# à l'aide comment revenir à une version antérieure de 10.4.11



## gben68 (17 Octobre 2008)

bonjour à tous j'ai un gros soucis.
hier j'ai voulu jouer à call of duty2 , et je tombe sur le message souvent" veuillez insérer le dvd cod 2 et cliquer sur OK " hors le dvd était déjà dans le lecteur (pourtant l'icône du dvd apparaît sur le bureau) , car l'icône apparaît sur le bureau. j'ai la dernière mise à jour de tiger 10.4.11 .
et aujourd'hui je suis allé chez ma voisine qui tourne tiger 10.4.9 et là pas de problème.

ma question je veux revenir à une version antérieur de tiger comment faire?
j'ai téléchargé la version 10.4.9 mais l'utilitaire d'installation m'empèche de revenir en arrière 

s'il vous plaît aidez moi

benoît


----------



## pascalformac (17 Octobre 2008)

bienvenue 

2 choses
1-  le souci n'est certainement pas dans la difference de version entre ta voisine et toi
la difference tient à d'autres éléments ( à determiner)

peut etre le lecteur de support , peut etre quelques fichiers 
trop tôt pour dire

* 2- téléchargement de tiger? :mouais:*

* Ah oui? 
et où ca?
* les OS mac n'existent pas en téléchargement*


seuls fonctionnent les cd-dvd d'install ( gris ou noirs)

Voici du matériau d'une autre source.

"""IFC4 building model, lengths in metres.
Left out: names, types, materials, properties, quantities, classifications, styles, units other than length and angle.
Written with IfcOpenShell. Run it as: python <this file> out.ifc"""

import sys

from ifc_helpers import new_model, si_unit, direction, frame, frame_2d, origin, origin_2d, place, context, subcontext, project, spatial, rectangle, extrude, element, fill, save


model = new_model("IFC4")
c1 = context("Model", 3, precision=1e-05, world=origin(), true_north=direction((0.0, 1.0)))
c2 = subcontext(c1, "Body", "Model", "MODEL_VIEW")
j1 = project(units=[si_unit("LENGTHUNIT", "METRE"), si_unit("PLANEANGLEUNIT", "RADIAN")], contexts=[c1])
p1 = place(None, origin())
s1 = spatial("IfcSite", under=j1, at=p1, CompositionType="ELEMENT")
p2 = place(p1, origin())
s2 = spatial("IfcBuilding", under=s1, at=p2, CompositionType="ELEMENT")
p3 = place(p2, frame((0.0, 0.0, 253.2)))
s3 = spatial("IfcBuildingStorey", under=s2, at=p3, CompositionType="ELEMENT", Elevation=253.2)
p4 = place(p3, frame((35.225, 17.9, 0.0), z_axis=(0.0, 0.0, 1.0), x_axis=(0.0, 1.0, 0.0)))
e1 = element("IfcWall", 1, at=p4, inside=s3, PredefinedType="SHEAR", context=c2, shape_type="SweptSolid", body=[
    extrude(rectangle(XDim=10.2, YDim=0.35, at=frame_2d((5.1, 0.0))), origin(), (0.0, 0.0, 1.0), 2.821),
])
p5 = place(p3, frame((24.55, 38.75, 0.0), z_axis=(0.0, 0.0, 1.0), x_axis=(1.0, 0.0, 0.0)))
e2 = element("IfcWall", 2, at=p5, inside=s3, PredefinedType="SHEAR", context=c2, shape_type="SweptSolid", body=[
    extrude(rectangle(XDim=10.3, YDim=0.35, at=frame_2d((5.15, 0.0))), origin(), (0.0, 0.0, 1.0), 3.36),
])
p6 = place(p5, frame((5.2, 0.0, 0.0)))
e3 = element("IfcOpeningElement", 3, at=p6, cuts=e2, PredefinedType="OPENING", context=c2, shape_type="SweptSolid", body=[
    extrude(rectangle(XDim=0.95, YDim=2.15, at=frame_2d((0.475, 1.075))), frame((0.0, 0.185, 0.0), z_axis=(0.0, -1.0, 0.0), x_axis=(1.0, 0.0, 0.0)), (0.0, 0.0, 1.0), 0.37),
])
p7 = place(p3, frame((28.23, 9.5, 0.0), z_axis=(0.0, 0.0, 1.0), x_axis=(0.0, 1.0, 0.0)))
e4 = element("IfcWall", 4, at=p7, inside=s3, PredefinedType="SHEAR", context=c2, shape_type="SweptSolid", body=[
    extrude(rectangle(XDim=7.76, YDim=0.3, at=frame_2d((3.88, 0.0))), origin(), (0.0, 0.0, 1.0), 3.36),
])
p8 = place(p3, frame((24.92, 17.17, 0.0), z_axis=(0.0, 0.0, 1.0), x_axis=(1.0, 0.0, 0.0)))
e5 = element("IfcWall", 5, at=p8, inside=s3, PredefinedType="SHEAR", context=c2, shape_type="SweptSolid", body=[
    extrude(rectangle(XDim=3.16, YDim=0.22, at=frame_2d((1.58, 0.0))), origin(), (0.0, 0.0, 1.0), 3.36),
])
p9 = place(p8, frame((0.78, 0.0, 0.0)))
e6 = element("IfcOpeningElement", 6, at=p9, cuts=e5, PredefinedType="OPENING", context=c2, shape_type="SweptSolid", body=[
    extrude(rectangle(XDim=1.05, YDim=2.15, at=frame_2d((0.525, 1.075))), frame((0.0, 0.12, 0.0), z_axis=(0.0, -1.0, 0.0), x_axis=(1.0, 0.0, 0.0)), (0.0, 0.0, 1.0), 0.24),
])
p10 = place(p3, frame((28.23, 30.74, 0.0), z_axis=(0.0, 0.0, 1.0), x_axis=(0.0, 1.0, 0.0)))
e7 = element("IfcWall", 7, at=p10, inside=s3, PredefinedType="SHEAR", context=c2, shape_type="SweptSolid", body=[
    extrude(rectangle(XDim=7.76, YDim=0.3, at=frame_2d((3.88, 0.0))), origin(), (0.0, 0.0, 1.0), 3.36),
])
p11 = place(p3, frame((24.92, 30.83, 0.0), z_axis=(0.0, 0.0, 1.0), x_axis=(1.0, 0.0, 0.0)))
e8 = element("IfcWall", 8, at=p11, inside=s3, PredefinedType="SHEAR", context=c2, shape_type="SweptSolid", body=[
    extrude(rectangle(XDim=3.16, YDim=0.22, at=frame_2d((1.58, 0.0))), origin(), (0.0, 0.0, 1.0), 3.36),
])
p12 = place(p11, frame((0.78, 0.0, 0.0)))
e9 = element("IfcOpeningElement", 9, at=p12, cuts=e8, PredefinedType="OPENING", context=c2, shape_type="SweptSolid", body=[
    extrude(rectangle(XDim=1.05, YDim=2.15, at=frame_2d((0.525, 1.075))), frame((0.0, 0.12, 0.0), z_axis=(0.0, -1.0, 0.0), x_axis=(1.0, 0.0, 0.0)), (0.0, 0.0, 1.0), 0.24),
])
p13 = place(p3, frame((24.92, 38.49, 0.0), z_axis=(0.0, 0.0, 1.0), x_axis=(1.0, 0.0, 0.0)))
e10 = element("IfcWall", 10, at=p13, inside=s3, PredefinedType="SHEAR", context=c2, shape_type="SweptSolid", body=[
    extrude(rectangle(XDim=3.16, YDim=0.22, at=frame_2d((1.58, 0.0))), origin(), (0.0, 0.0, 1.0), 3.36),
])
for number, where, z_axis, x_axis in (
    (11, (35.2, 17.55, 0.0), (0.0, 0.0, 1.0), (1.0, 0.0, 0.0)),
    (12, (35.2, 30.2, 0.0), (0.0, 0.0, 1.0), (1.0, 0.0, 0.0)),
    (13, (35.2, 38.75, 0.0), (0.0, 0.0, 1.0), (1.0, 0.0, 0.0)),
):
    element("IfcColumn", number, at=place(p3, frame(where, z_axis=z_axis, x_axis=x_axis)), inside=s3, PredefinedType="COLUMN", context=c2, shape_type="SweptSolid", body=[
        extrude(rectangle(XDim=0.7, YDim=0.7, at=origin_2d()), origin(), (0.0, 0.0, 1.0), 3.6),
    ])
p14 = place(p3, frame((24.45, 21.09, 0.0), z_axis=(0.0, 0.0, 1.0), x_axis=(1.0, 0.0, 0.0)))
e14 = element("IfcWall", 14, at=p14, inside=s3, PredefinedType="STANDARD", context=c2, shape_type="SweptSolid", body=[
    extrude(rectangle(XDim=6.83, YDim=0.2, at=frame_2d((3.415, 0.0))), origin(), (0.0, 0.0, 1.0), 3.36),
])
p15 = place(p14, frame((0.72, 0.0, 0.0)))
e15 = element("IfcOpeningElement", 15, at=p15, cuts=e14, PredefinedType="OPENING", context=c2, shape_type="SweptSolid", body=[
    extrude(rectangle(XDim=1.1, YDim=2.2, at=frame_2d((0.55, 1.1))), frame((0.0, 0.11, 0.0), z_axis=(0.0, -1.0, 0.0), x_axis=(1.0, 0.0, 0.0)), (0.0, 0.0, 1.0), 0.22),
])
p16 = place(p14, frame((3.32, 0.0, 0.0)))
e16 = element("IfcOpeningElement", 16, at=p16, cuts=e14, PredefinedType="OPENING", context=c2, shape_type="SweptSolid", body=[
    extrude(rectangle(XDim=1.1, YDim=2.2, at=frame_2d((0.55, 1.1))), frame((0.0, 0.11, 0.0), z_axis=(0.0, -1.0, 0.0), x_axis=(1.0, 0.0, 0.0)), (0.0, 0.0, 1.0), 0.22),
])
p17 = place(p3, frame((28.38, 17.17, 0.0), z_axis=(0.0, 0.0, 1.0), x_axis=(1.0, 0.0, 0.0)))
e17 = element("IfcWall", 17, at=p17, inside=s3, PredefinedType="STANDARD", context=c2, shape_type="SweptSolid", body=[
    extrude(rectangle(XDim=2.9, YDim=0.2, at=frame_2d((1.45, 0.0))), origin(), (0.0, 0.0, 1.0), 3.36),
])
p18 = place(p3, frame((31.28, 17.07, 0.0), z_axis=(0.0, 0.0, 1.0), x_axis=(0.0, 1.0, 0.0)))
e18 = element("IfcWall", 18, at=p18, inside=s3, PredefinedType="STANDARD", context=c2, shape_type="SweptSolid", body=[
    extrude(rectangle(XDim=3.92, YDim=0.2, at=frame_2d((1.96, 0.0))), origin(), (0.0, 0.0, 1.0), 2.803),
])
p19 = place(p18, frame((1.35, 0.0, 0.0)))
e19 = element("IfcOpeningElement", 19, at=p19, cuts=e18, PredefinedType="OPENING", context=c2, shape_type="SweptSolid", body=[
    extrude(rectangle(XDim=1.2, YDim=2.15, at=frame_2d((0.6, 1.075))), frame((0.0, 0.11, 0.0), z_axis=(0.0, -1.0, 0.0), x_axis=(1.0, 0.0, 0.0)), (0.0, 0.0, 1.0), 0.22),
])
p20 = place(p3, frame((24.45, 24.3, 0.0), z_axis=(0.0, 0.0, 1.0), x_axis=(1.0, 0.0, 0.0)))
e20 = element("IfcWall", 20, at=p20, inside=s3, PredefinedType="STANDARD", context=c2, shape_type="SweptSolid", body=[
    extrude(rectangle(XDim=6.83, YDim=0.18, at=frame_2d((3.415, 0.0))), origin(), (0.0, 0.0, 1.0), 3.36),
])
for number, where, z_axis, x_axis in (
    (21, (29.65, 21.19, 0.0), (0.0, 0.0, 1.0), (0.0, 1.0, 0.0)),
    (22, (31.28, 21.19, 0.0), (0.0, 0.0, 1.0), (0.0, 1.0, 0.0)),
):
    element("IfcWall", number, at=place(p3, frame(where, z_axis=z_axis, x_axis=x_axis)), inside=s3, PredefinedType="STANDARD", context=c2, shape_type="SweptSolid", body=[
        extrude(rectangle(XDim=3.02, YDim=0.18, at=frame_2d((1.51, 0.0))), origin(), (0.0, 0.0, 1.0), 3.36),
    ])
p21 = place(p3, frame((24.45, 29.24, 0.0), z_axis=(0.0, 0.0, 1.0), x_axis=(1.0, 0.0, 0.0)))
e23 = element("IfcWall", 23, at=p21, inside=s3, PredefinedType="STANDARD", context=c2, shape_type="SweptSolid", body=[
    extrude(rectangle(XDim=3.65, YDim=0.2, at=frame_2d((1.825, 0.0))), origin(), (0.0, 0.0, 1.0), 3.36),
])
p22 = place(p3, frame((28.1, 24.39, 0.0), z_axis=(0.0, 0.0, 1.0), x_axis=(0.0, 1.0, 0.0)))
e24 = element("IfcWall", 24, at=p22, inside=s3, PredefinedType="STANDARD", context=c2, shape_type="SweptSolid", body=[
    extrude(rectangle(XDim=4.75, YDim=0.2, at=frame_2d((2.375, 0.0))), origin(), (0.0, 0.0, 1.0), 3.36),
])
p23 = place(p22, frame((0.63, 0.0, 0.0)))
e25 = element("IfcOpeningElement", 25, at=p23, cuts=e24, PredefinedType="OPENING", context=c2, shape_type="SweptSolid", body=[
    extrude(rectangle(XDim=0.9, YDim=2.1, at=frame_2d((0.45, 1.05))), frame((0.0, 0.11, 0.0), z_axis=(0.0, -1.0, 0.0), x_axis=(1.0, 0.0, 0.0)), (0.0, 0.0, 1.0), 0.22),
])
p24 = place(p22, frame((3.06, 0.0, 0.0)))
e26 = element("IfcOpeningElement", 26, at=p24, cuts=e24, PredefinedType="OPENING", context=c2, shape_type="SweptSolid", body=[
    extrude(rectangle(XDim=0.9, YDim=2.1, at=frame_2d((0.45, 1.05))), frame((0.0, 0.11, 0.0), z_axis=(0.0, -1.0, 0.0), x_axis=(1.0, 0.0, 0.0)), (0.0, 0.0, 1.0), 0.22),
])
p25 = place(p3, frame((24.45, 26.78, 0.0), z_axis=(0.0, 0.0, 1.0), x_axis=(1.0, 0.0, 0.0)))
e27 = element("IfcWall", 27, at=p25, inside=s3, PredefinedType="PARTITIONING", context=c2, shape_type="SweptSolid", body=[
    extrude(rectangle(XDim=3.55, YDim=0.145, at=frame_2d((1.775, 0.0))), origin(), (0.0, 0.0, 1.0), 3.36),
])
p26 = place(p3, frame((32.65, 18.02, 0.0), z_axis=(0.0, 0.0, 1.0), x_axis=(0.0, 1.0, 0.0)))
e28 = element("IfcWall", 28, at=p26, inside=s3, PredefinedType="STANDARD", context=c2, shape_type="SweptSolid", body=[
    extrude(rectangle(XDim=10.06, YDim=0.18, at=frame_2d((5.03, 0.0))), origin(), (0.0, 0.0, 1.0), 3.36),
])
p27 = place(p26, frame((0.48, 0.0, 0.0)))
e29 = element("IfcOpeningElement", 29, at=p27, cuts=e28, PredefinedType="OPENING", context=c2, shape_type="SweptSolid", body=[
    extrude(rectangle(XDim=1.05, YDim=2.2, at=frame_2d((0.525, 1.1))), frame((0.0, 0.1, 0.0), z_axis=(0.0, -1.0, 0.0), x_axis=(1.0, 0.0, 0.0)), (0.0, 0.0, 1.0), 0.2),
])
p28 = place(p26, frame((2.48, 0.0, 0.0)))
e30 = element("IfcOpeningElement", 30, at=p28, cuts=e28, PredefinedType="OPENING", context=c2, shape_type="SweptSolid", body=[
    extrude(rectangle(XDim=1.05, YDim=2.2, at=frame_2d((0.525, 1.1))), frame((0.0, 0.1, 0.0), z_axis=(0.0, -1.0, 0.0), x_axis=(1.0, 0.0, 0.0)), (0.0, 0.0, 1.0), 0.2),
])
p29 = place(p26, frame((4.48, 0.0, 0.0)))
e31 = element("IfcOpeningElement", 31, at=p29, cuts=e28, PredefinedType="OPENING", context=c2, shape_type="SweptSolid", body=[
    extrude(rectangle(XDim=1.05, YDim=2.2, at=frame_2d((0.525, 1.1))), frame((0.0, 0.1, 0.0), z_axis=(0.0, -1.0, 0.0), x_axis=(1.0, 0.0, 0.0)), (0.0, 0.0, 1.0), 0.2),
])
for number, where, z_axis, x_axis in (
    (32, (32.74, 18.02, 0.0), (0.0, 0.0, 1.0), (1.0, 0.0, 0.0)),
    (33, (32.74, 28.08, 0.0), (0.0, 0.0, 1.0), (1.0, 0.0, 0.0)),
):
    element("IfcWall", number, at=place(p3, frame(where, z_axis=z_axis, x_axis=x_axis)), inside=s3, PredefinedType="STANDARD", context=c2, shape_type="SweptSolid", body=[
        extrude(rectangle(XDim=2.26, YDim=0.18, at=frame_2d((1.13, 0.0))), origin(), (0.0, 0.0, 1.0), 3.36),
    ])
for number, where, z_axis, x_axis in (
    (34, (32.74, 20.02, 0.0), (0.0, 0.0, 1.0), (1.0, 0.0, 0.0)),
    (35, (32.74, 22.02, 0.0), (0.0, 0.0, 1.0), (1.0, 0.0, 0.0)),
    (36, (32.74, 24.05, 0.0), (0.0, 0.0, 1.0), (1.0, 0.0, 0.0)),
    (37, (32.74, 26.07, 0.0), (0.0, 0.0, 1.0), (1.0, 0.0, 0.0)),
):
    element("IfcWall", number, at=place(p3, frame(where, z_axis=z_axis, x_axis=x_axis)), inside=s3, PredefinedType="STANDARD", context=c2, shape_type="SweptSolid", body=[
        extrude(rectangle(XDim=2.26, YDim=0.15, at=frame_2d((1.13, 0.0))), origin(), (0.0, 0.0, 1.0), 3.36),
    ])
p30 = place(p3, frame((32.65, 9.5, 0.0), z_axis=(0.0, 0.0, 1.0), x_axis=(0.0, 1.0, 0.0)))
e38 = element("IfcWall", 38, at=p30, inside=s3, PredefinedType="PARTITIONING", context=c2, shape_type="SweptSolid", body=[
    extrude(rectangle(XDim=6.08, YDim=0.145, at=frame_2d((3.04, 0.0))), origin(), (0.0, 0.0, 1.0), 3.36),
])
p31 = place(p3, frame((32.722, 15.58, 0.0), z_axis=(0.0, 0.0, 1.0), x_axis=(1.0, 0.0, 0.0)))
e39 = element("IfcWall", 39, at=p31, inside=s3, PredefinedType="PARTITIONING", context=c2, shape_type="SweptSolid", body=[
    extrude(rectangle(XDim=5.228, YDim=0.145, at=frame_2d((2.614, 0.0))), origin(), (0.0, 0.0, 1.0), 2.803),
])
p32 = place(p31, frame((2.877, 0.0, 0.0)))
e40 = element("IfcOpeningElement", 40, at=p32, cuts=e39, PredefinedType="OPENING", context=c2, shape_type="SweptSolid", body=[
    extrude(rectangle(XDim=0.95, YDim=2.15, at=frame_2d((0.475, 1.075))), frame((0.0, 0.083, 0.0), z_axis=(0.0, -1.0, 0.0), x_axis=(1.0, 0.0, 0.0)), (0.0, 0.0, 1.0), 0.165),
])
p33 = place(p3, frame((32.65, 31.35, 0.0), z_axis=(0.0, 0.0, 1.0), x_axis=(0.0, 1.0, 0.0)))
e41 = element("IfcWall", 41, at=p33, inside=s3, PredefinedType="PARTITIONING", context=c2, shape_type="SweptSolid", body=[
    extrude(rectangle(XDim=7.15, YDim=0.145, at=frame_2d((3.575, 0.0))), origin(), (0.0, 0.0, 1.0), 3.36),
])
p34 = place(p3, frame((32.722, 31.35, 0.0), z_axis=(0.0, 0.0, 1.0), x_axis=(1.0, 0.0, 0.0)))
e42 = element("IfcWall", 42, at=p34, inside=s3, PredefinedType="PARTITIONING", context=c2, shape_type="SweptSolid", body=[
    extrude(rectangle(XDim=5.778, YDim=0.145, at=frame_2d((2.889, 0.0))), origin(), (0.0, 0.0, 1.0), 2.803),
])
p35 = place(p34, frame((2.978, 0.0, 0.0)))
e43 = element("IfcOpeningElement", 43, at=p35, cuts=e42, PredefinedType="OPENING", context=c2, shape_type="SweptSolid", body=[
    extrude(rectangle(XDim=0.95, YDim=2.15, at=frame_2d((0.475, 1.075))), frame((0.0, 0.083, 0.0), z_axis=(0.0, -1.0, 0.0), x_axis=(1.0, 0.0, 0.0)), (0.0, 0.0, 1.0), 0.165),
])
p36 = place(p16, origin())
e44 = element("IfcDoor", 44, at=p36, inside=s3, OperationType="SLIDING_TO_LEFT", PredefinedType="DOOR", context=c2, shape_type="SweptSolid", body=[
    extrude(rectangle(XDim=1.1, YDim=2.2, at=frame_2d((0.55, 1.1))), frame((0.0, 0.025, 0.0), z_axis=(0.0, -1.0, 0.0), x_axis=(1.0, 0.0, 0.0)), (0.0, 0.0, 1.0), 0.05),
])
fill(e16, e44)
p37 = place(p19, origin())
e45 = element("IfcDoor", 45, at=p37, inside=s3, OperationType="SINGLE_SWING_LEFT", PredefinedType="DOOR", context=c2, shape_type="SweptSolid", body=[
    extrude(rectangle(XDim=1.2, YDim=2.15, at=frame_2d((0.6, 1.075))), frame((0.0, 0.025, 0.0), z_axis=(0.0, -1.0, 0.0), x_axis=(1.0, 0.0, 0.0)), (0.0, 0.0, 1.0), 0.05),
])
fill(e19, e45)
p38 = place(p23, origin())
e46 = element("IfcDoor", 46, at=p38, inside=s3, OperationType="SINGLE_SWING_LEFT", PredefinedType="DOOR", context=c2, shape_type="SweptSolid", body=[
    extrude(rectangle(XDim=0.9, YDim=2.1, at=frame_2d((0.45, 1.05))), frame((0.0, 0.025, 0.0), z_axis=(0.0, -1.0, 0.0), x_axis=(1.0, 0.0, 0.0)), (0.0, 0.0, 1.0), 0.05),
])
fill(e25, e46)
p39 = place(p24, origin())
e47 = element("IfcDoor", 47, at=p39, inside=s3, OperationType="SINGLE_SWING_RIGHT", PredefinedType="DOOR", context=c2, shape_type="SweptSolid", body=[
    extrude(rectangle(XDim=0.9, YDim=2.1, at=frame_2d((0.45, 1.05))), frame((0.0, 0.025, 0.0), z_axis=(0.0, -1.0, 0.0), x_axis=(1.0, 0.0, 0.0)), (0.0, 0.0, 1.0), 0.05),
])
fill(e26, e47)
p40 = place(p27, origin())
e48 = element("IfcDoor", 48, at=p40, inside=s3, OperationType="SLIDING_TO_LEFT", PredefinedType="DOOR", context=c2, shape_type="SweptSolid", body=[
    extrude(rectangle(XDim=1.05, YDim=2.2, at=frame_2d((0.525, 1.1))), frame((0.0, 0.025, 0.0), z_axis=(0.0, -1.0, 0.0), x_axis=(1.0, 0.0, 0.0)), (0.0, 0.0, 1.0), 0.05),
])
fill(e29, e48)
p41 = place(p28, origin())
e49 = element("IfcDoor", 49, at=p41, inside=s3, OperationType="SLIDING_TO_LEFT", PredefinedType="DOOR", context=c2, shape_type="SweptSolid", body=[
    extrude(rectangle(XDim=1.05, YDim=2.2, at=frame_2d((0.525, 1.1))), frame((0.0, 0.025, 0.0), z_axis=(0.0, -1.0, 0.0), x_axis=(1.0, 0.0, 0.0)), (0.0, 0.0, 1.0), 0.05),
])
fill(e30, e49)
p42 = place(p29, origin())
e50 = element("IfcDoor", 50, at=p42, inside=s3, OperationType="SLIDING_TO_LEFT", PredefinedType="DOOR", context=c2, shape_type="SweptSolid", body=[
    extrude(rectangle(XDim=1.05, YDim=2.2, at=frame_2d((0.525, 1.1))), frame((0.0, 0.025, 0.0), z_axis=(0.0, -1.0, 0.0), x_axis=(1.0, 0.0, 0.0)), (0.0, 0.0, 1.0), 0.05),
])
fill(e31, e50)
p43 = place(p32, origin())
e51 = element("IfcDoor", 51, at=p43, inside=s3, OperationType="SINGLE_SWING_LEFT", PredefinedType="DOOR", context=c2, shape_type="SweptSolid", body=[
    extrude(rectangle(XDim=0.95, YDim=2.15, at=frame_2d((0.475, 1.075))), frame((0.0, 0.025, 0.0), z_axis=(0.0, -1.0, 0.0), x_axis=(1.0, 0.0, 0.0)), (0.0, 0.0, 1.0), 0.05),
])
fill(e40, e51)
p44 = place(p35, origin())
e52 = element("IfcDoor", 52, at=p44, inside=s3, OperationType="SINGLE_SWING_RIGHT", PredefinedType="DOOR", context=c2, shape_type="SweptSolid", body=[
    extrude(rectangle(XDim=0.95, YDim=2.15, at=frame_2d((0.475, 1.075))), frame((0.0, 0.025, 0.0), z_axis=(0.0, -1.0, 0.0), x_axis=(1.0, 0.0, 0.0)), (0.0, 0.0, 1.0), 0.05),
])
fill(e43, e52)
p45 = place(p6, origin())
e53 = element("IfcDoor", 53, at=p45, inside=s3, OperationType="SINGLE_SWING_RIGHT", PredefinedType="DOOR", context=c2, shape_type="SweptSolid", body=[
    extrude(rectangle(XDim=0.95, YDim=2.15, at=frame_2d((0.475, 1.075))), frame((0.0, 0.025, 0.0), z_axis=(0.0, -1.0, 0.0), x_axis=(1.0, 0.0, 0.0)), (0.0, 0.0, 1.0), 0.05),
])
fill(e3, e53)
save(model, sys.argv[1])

** donc c'est de source illégale
et j'ajouterai un des meilleurs moyens de faire empirer les choses


A faire
* parties en violet tout  particulierement*

*mesures classiques en cas de pépins*
ceci n'est pas un tuto mais un simple rappel rapide de divers choses faisables 
pour plus d'infos faire une recherche

* Avoir son OS à jour

* *réparation des autorisations via utilitaire disque ou autre outil  (genre Onyx) : maintenance à faire à chaque mise à jour Apple ( ou install d'une application avec installateur)*

* *réparation verificaton du volume
 ( via utiltaire disque du support)*

*verification du fonctionnement de l'appli à probleme sur un autre compte- autre session 2
( session 1 fermée)
Au besoin créer une session test et la garder car ca reservira toujours

*nettoyage-maintenance : voir l'outil Onyx qui fait ca très bien 
lire l'aide avant de cocher des options
http://www.titanium.free.fr/pgs/french.html

** téléchargement et installation de la combo update de l'OS 
et ce quelque soit les mises à jour déjà faites
http://www.apple.com/fr/support/downloads/
celle correspondant à l' OS et au type de processeur (PPC ou macintel) regroupe en un seul fichier  toutes les mises à jour.
Cela permet de consolider l'OS et de corriger une erreur éventuelle non corrigée par une mise à jour précédente ou apparue depuis
*


----------



## gben68 (18 Octobre 2008)

salut 

pour infos , j'ai dé-installé le jeux suivant la méthode expliquer dans le manuel d'utilisation du jeux , j'ai donc mis à la corbeille le dossier COD2 ainsi que le dossier nommé COM.ASPYR COD2.PLIST à la corbeille.
tout ce que je peux te dire c'est que même après l'avoir réinstallé j'ai toujours ce message " veuillez insérer le DVD COD2 et cliquer sur OK" , je précise que c'est le dvd original.
la dernière fois que j'ai utilisé ce jeux c'était avec la version 10.4.10.
ce que je ne comprend pas c'est que le lecteur cd-dvd fonctionne bien.
et la version 10.4.9 c'est la mise à jour disponible sur apple.fr si je me suis mal exprimé.


----------



## pascalformac (18 Octobre 2008)

comme quoi il faut faire attention aux mots utilisés

---
totalement inutile de telecharger la maj 10.4.9 , tu es en 10.4.11

A mon avis c'est l'installateur du jeu qui foire 
pourquoi ? aucune idée

tu devrais aller poster dans les sujets dédiés à ce jeu là
(section jeu)


----------



## gben68 (18 Octobre 2008)

merci pour ta réponse

une question que je me pose : si j'utilise mes DVDs d'installation , est ce que je perd tous mes programmes existants (ex: word, excell, powerpoint, fast dvd copy ,toast, msn) ainsi que mes chansons dans itunes et mes mails et photos , où est ce que je peux faire autrement.

merci d'avance.

benoît


----------



## gben68 (18 Octobre 2008)

au fait sur les DVDs d'installation c'est la version 10.4.2

merci


----------



## Berthold (28 Octobre 2008)

gben68 a dit:


> une question que je me pose : si j'utilise mes DVDs d'installation , est ce que je perd tous mes programmes existants (ex: word, excell, powerpoint, fast dvd copy ,toast, msn) ainsi que mes chansons dans itunes et mes mails et photos , où est ce que je peux faire autrement.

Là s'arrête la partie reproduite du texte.